3140. A New Approach to Mouse Brain Mapping
Marianne Dorothea Keller 1,2 , Charles Watson 3 , Kay Richards 4 , Rachel Buckley 5 , Nyoman Kurniawan 6 ,
Richard Beare 5 , Jana Vukovic 2 , Deming Wang 1 , Steven Yang 1 , Peter Zhao 7 , Nathan Faggian 4 , George
Paxinos 7 , Steven Petrou 4 , Gary Egan 4 , Perry Bartlett 2 , Graham Galloway 1 , David Reutens 8
1 Centre for Magnetic Resonance, University of Queensland, Brisbane, Qld, Australia; 2 Queensland Brain Institute, University of
Queensland, Brisbane, Qld, Australia; 3 Curtin University, Perth, WA, Australia; 4 Florey Neuroscience Institutes, Melbourne, Vic,
Australia; 5 Monash University, Melbourne, Vic, Australia; 6 Centre for Magnetic Resonance, University of Queensland, Brisbane,,
Qld, Australia; 7 Prince of Wales Medical Research Institute, Sydney, NSW, Australia; 8 Centre for Advanced Imaging, University of
Queensland, Brisbane, Qld, Australia
When working with mouse brain models it becomes apparent, that anatomically detailed, three dimensional atlases are not readily available.
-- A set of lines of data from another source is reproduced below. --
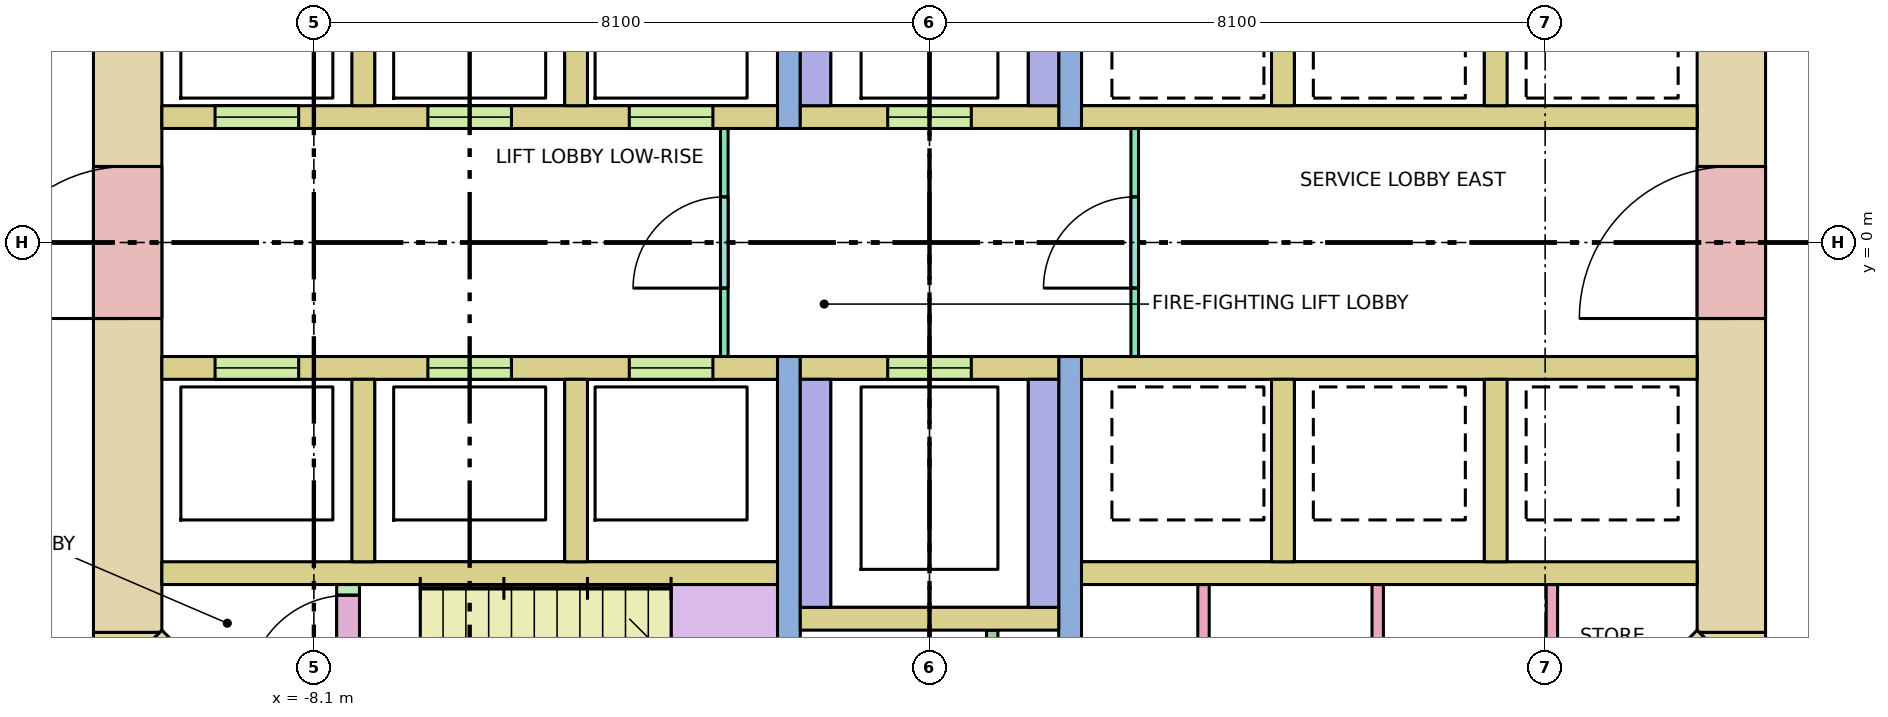
"""IFC4 building model, lengths in metres.
Left out: names, types, materials, properties, quantities, classifications, styles, units other than length and angle.
Written with IfcOpenShell. Run it as: python <this file> out.ifc"""

import sys

from ifc_helpers import new_model, si_unit, direction, frame, frame_2d, origin, place, context, subcontext, project, spatial, polyline, rectangle, outline, extrude, element, fill, save


model = new_model("IFC4")
c1 = context("Model", 3, precision=1e-05, world=origin(), true_north=direction((0.0, 1.0)))
c2 = subcontext(c1, "Body", "Model", "MODEL_VIEW")
j1 = project(units=[si_unit("LENGTHUNIT", "METRE"), si_unit("PLANEANGLEUNIT", "RADIAN")], contexts=[c1])
p1 = place(None, origin())
s1 = spatial("IfcSite", under=j1, at=p1, CompositionType="ELEMENT")
p2 = place(p1, origin())
s2 = spatial("IfcBuilding", under=s1, at=p2, CompositionType="ELEMENT")
p3 = place(p2, frame((0.0, 0.0, 59.0)))
s3 = spatial("IfcBuildingStorey", under=s2, at=p3, CompositionType="ELEMENT", Elevation=59.0)
p4 = place(p3, frame((-10.55, -5.13, -0.28), z_axis=(0.0, 0.0, 1.0), x_axis=(0.0, 1.0, 0.0)))
e1 = element("IfcWall", 1, at=p4, inside=s3, PredefinedType="SHEAR", context=c2, shape_type="SweptSolid", body=[
    extrude(rectangle(XDim=10.26, YDim=0.9, at=frame_2d((5.13, 0.0))), origin(), (0.0, 0.0, 1.0), 4.0),
])
p5 = place(p4, frame((4.13, 0.0, 0.28)))
e2 = element("IfcOpeningElement", 2, at=p5, cuts=e1, PredefinedType="OPENING", context=c2, shape_type="SweptSolid", body=[
    extrude(rectangle(XDim=2.0, YDim=2.1, at=frame_2d((1.0, 1.05))), frame((0.0, 0.46, 0.0), z_axis=(0.0, -1.0, 0.0), x_axis=(1.0, 0.0, 0.0)), (0.0, 0.0, 1.0), 0.92),
])
p6 = place(p3, frame((10.55, -5.13, -0.28), z_axis=(0.0, 0.0, 1.0), x_axis=(0.0, 1.0, 0.0)))
e3 = element("IfcWall", 3, at=p6, inside=s3, PredefinedType="SHEAR", context=c2, shape_type="SweptSolid", body=[
    extrude(rectangle(XDim=10.26, YDim=0.9, at=frame_2d((5.13, 0.0))), origin(), (0.0, 0.0, 1.0), 4.0),
])
p7 = place(p6, frame((4.13, 0.0, 0.28)))
e4 = element("IfcOpeningElement", 4, at=p7, cuts=e3, PredefinedType="OPENING", context=c2, shape_type="SweptSolid", body=[
    extrude(rectangle(XDim=2.0, YDim=2.1, at=frame_2d((1.0, 1.05))), frame((0.0, 0.46, 0.0), z_axis=(0.0, -1.0, 0.0), x_axis=(1.0, 0.0, 0.0)), (0.0, 0.0, 1.0), 0.92),
])
p8 = place(p3, frame((10.418, -5.418, -0.28), z_axis=(0.0, 0.0, 1.0), x_axis=(-0.707106781187, -0.707106781187, 0.0)))
e5 = element("IfcWall", 5, at=p8, inside=s3, PredefinedType="SHEAR", context=c2, shape_type="SweptSolid", body=[
    extrude(rectangle(XDim=4.243, YDim=0.9, at=frame_2d((2.121, 0.0))), origin(), (0.0, 0.0, 1.0), 4.0),
])
p9 = place(p8, frame((2.823, 0.0, 0.28)))
e6 = element("IfcOpeningElement", 6, at=p9, cuts=e5, PredefinedType="OPENING", context=c2, shape_type="SweptSolid", body=[
    extrude(rectangle(XDim=0.9, YDim=2.1, at=frame_2d((0.45, 1.05))), frame((0.0, 0.46, 0.0), z_axis=(0.0, -1.0, 0.0), x_axis=(1.0, 0.0, 0.0)), (0.0, 0.0, 1.0), 0.92),
])
p10 = place(p8, frame((0.52, 0.0, 0.28)))
e7 = element("IfcOpeningElement", 7, at=p10, cuts=e5, PredefinedType="OPENING", context=c2, shape_type="SweptSolid", body=[
    extrude(rectangle(XDim=0.9, YDim=2.1, at=frame_2d((0.45, 1.05))), frame((0.0, 0.46, 0.0), z_axis=(0.0, -1.0, 0.0), x_axis=(1.0, 0.0, 0.0)), (0.0, 0.0, 1.0), 0.92),
])
p11 = place(p3, frame((-7.418, -8.418, -0.28), z_axis=(0.0, 0.0, 1.0), x_axis=(-0.707106781187, 0.707106781187, 0.0)))
e8 = element("IfcWall", 8, at=p11, inside=s3, PredefinedType="SHEAR", context=c2, shape_type="SweptSolid", body=[
    extrude(rectangle(XDim=4.243, YDim=0.9, at=frame_2d((2.121, 0.0))), origin(), (0.0, 0.0, 1.0), 4.0),
])
p12 = place(p11, frame((2.393, 0.0, 0.28)))
e9 = element("IfcOpeningElement", 9, at=p12, cuts=e8, PredefinedType="OPENING", context=c2, shape_type="SweptSolid", body=[
    extrude(rectangle(XDim=1.2, YDim=2.1, at=frame_2d((0.6, 1.05))), frame((0.0, 0.46, 0.0), z_axis=(0.0, -1.0, 0.0), x_axis=(1.0, 0.0, 0.0)), (0.0, 0.0, 1.0), 0.92),
])
p13 = place(p3, frame((0.0, 0.0, -0.28)))
e10 = element("IfcWall", 10, at=p13, inside=s3, PredefinedType="SHEAR", context=c2, shape_type="SweptSolid", body=[
    extrude(outline(polyline([(-11.0, -5.473), (-11.0, -5.13), (-10.13, -5.13), (-10.736, -5.736), (-11.0, -5.473)])), origin(), (0.0, 0.0, 1.0), 4.0),
])
p14 = place(p3, frame((0.0, 0.0, -0.28)))
e11 = element("IfcWall", 11, at=p14, inside=s3, PredefinedType="SHEAR", context=c2, shape_type="SweptSolid", body=[
    extrude(outline(polyline([(11.0, -5.473), (10.736, -5.736), (10.13, -5.13), (11.0, -5.13), (11.0, -5.473)])), origin(), (0.0, 0.0, 1.0), 4.0),
])
for number, where, z_axis, x_axis in (
    (12, (-10.1, -4.35, 0.0), (0.0, 0.0, 1.0), (1.0, 0.0, 0.0)),
    (13, (2.0, -4.35, 0.0), (0.0, 0.0, 1.0), (1.0, 0.0, 0.0)),
):
    element("IfcWall", number, at=place(p3, frame(where, z_axis=z_axis, x_axis=x_axis)), inside=s3, PredefinedType="SOLIDWALL", context=c2, shape_type="SweptSolid", body=[
        extrude(rectangle(XDim=8.1, YDim=0.3, at=frame_2d((4.05, 0.0))), origin(), (0.0, 0.0, 1.0), 3.72),
    ])
p15 = place(p3, frame((-10.1, 1.65, 0.0), z_axis=(0.0, 0.0, 1.0), x_axis=(1.0, 0.0, 0.0)))
e14 = element("IfcWall", 14, at=p15, inside=s3, PredefinedType="SOLIDWALL", context=c2, shape_type="SweptSolid", body=[
    extrude(rectangle(XDim=8.1, YDim=0.3, at=frame_2d((4.05, 0.0))), origin(), (0.0, 0.0, 1.0), 3.72),
])
p16 = place(p15, frame((0.7, 0.0, 0.0)))
e15 = element("IfcOpeningElement", 15, at=p16, cuts=e14, PredefinedType="OPENING", context=c2, shape_type="SweptSolid", body=[
    extrude(rectangle(XDim=1.1, YDim=2.1, at=frame_2d((0.55, 1.05))), frame((0.0, 0.16, 0.0), z_axis=(0.0, -1.0, 0.0), x_axis=(1.0, 0.0, 0.0)), (0.0, 0.0, 1.0), 0.32),
])
p17 = place(p15, frame((3.5, 0.0, 0.0)))
e16 = element("IfcOpeningElement", 16, at=p17, cuts=e14, PredefinedType="OPENING", context=c2, shape_type="SweptSolid", body=[
    extrude(rectangle(XDim=1.1, YDim=2.1, at=frame_2d((0.55, 1.05))), frame((0.0, 0.16, 0.0), z_axis=(0.0, -1.0, 0.0), x_axis=(1.0, 0.0, 0.0)), (0.0, 0.0, 1.0), 0.32),
])
p18 = place(p15, frame((6.15, 0.0, 0.0)))
e17 = element("IfcOpeningElement", 17, at=p18, cuts=e14, PredefinedType="OPENING", context=c2, shape_type="SweptSolid", body=[
    extrude(rectangle(XDim=1.1, YDim=2.1, at=frame_2d((0.55, 1.05))), frame((0.0, 0.16, 0.0), z_axis=(0.0, -1.0, 0.0), x_axis=(1.0, 0.0, 0.0)), (0.0, 0.0, 1.0), 0.32),
])
p19 = place(p3, frame((-10.1, -1.65, 0.0), z_axis=(0.0, 0.0, 1.0), x_axis=(1.0, 0.0, 0.0)))
e18 = element("IfcWall", 18, at=p19, inside=s3, PredefinedType="SOLIDWALL", context=c2, shape_type="SweptSolid", body=[
    extrude(rectangle(XDim=8.1, YDim=0.3, at=frame_2d((4.05, 0.0))), origin(), (0.0, 0.0, 1.0), 3.72),
])
p20 = place(p19, frame((0.7, 0.0, 0.0)))
e19 = element("IfcOpeningElement", 19, at=p20, cuts=e18, PredefinedType="OPENING", context=c2, shape_type="SweptSolid", body=[
    extrude(rectangle(XDim=1.1, YDim=2.1, at=frame_2d((0.55, 1.05))), frame((0.0, 0.16, 0.0), z_axis=(0.0, -1.0, 0.0), x_axis=(1.0, 0.0, 0.0)), (0.0, 0.0, 1.0), 0.32),
])
p21 = place(p19, frame((3.5, 0.0, 0.0)))
e20 = element("IfcOpeningElement", 20, at=p21, cuts=e18, PredefinedType="OPENING", context=c2, shape_type="SweptSolid", body=[
    extrude(rectangle(XDim=1.1, YDim=2.1, at=frame_2d((0.55, 1.05))), frame((0.0, 0.16, 0.0), z_axis=(0.0, -1.0, 0.0), x_axis=(1.0, 0.0, 0.0)), (0.0, 0.0, 1.0), 0.32),
])
p22 = place(p19, frame((6.15, 0.0, 0.0)))
e21 = element("IfcOpeningElement", 21, at=p22, cuts=e18, PredefinedType="OPENING", context=c2, shape_type="SweptSolid", body=[
    extrude(rectangle(XDim=1.1, YDim=2.1, at=frame_2d((0.55, 1.05))), frame((0.0, 0.16, 0.0), z_axis=(0.0, -1.0, 0.0), x_axis=(1.0, 0.0, 0.0)), (0.0, 0.0, 1.0), 0.32),
])
for number, where, z_axis, x_axis in (
    (22, (2.0, 1.65, 0.0), (0.0, 0.0, 1.0), (1.0, 0.0, 0.0)),
    (23, (2.0, -1.65, 0.0), (0.0, 0.0, 1.0), (1.0, 0.0, 0.0)),
):
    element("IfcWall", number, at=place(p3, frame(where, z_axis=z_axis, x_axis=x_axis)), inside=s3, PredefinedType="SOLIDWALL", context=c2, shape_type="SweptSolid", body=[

On one hand,
histological atlases are two dimensional, whereas three dimensional MRI atlases might only define 40 brain structures.
Our aim is to create an digital atlas using high resolution images produced by a 16.4 T MRI scanner, complemented by histological data. A higher grade of
segmentation, for example 45 structures in the cerebellum and 35 in the hippocampus, will enable the researcher to compare normal mouse brain anatomy to
pathological anatomical changes in models of disease.
3141. Developmental Changes in the Shape of Hippocampus in Children Aged from 6 to 9 Years Old
Muqing Lin 1 , Lutfi Tugan Muftuler 1 , Ke Nie 1 , Kevin Head 1 , Claudia Buss 2 , Elysia Poggi Davis 2 , Curt A.
Sandman 2 , Orhan Nalcioglu 1 , Min-Ying Lydia Su 1
1 Tu & Yuen Center for Functional Onco-Imaging, University of California, Irvine, Irvine, CA, United States; 2 Department of
Psychiatry and Human Behavior, University of California, Irvine, Irvine, CA, United States
The shape analysis of hippocampus was commonly applied to evaluate the progression of atrophy pattern in elderly patients, and in this study it was applied
to evaluate the changes in developmental brain in 48 children. The distance from the hippocampal surface to the central line was mapped to a 2D grid for
statistical analysis. The Permutation and t-test was applied to compare two age groups (6-7 vs. 8-9 y/o), and the regression analysis with age was also
performed. Significant differences were found in small areas of CA1 and subiculum; however, overall there is not a strong age dependence.